Step 3: Create a destination table
Simple enough:
CREATE TABLE ORDER_FACTS (
ORDER_KEY TEXT,
ORDER_AGE_IN_DAYS INTEGER
);
Step 4: Create a procedure to transform and save all new records
This is where things get fun. We're going to leverage Snowflake's MERGE statement, which lets us run a query and compare every returned row to the target table and decide if the row needs an update or an insert:
CREATE OR REPLACE PROCEDURE load_orders()
RETURNS INT
LANGUAGE SQL
AS $$
begin
BEGIN TRANSACTION;
MERGE INTO ORDER_FACTS dst USING (
SELECT order_key,
MAX(order_age_in_days) AS order_age_in_days
FROM
(SELECT object_construct(*) as_object FROM orders_stream) orders,
LATERAL transform_orders(orders.as_object) output
GROUP BY 1
) src
ON src.order_key = dst.order_key
WHEN MATCHED THEN
UPDATE SET
order_age_in_days = src.order_age_in_days
WHEN NOT MATCHED THEN
INSERT (order_key, order_age_in_days)
VALUES (src.order_key, src.order_age_in_days);
COMMIT;
return 1;
end
$$
;
One key point here is that even though we're positive each row in src
will contain just one row per order, we're still using GROUP BY to ensure there's only one row being selected to merge. Otherwise, we could potentially have multiple rows running through the MERGE logic, causing non-deterministic behavior.

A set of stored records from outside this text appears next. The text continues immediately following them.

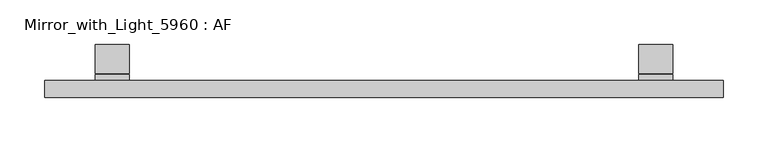
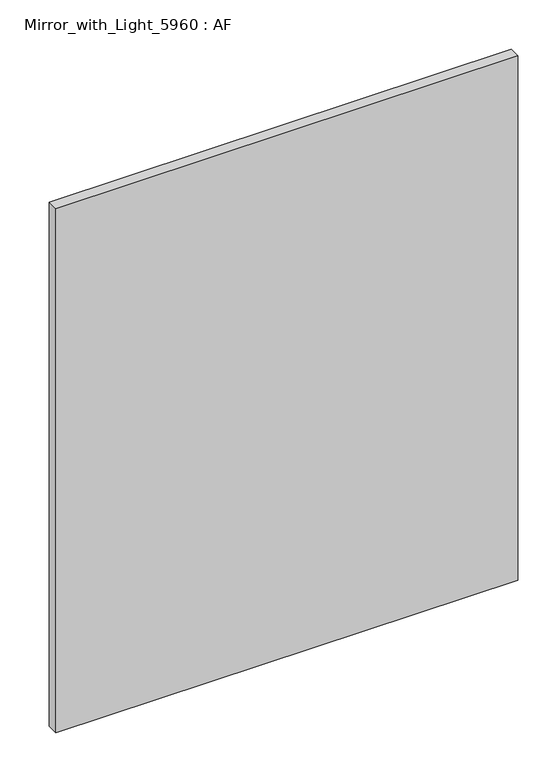
"""IFC4 building model written with IfcOpenShell, lengths in millimetres: flow terminal geometry, Mirror_with_Light_5960 : AF."""

from ifc_helpers import new_model, si_unit, frame, origin, place, context, project, spatial, polyline, outline, extrude, source, transform, mapped, element, save


def mirror_with_light_5960_af_41a2bd15(model_context):
    return source(origin(), model_context, "Body", "SweptSolid", [
        extrude(outline(polyline([(306.8695633, 88.9), (306.8695633, 95.25), (344.9695633, 95.25), (344.9695633, 88.9), (306.8695633, 88.9)])), frame((0.0, 0.0, 1371.6), z_axis=(0.0, 0.0, 1.0), x_axis=(1.0, 0.0, 0.0)), (0.0, 0.0, 1.0), 609.6),
        extrude(outline(polyline([(306.8695633, 96.8375), (306.8695633, 129.38125), (344.9695633, 129.38125), (344.9695633, 96.8375), (306.8695633, 96.8375)])), frame((0.0, 0.0, 1371.6), z_axis=(0.0, 0.0, 1.0), x_axis=(1.0, 0.0, 0.0)), (0.0, 0.0, 1.0), 609.6),
        extrude(outline(polyline([(-264.6304367, 88.9), (-302.7304367, 88.9), (-302.7304367, 95.25), (-264.6304367, 95.25), (-264.6304367, 88.9)])), frame((0.0, 0.0, 1371.6), z_axis=(0.0, 0.0, 1.0), x_axis=(1.0, 0.0, 0.0)), (0.0, 0.0, 1.0), 609.6),
        extrude(outline(polyline([(-264.6304367, 96.8375), (-302.7304367, 96.8375), (-302.7304367, 129.38125), (-264.6304367, 129.38125), (-264.6304367, 96.8375)])), frame((0.0, 0.0, 1371.6), z_axis=(0.0, 0.0, 1.0), x_axis=(1.0, 0.0, 0.0)), (0.0, 0.0, 1.0), 609.6),
        extrude(outline(polyline([(-359.8804367, 88.9), (402.1195633, 88.9), (402.1195633, 69.8833105), (-359.8804367, 69.8833105), (-359.8804367, 88.9)])), frame((0.0, 0.0, 1219.2), z_axis=(0.0, 0.0, 1.0), x_axis=(1.0, 0.0, 0.0)), (0.0, 0.0, 1.0), 914.4),
    ])


if __name__ == "__main__":
    model = new_model("IFC4")
    model_context = context("Model", 3, world=origin())
    ifc_project = project(units=[si_unit("LENGTHUNIT", "METRE", prefix="MILLI")], contexts=[model_context])
    site = spatial("IfcSite", under=ifc_project)
    building = spatial("IfcBuilding", under=site)
    placement = place(None, origin())
    mirror_with_light_5960_af_shape = mirror_with_light_5960_af_41a2bd15(model_context)
    element("IfcFlowTerminal", 1, ObjectType="Mirror_with_Light_5960 : AF", at=placement, inside=building, context=model_context, shape_type="MappedRepresentation", body=[
        mapped(mirror_with_light_5960_af_shape, transform((0.0, 0.0, 0.0), x_axis=(1.0, 0.0, 0.0), y_axis=(0.0, 1.0, 0.0), z_axis=(0.0, 0.0, 1.0))),
    ])
    save(model, "model.ifc")

# Revit data of these elements
# Type "Mirror_with_Light_5960 : AF"
#   Width [instance default] = 2' - 6"
#   Sill Hight [instance default] = 4' - 0"
#   Mirror Height = 3' - 0"
#   Depth [instance default] = 0' - 1"
#   Default Elevation = 0
#   Assembly Code = ""
# Element 1 (IfcFlowTerminal, "Mirror_with_Light_5960 : AF")
#   Materials on its faces: "Metal", "Glass 2", "Glass"
# Materials
#   "Metal": class "Generic", colour RGB 120 120 120, transparency 0, Cost = 0
#   "Glass 2": colour RGB 128 255 255, transparency 1
#   "Glass": class "Glass", colour RGB 0 128 192, transparency 0.9, Description = "Soda Lime Glass", Cost = 0

Also, note that we wrap the operation in an explicit transaction. I don't know if the caller is necessarily going to have AUTOCOMMIT enabled when it gets called, and there's no reason to risk it.
Insert some sample data and test out your procedure:
INSERT INTO ORDERS
(SELECT * FROM SNOWFLAKE_SAMPLE_DATA.TPCH_SF1.ORDERS LIMIT 100);
CALL load_orders();
SELECT * FROM ORDER_FACTS;
Step 5: Schedule the task
We probably don't want to log into Snowflake and execute the task all day long, so we'll leverage a Task to automatically run it. Suppose you want to refresh all new orders every hour:
CREATE OR REPLACE TASK orders_load_task
WAREHOUSE = 'YOUR_WAREHOUSE_NAME'
SCHEDULE = 'USING CRON 0 * * * * America/Chicago'
AS
CALL load_orders();
ALTER TASK orders_load_task RESUME;
When picking the right frequency, keep in mind that bringing up the warehouse comes with costs that might make it beneficial to run this less often. Keep your downstream users' needs in mind, but also keep an eye on the cost.
Conclusion
That finishes our transform! I really like that we were able to do this entirely in Snowflake -- no Airflow required. Snowflake's task system isn't fully fleshed out, though, so at Enova we still supplement this process with conventional DAGs using SnowflakeOperators. I might write about that in a future post.
One thing you might be wondering about is what happens when your transform fails. Maybe data changed, or values are unexpectedly NULL, or some other edge case produces an exception in your UDF. If you aren't handling it, the MERGE statement will fail and cause the task itself to fail, stalling your pipeline. The good news in that case is that no data is lost, assuming you fix the bug and recover before your stream reaches its maximum retention period (perhaps 7 days, perhaps 30; check your Snowflake account details).
If you can't tolerate any downtime of that nature, you could look into employing a dead-letter queue pattern and, after rescuing the error, move failed rows to a separate table for later processing.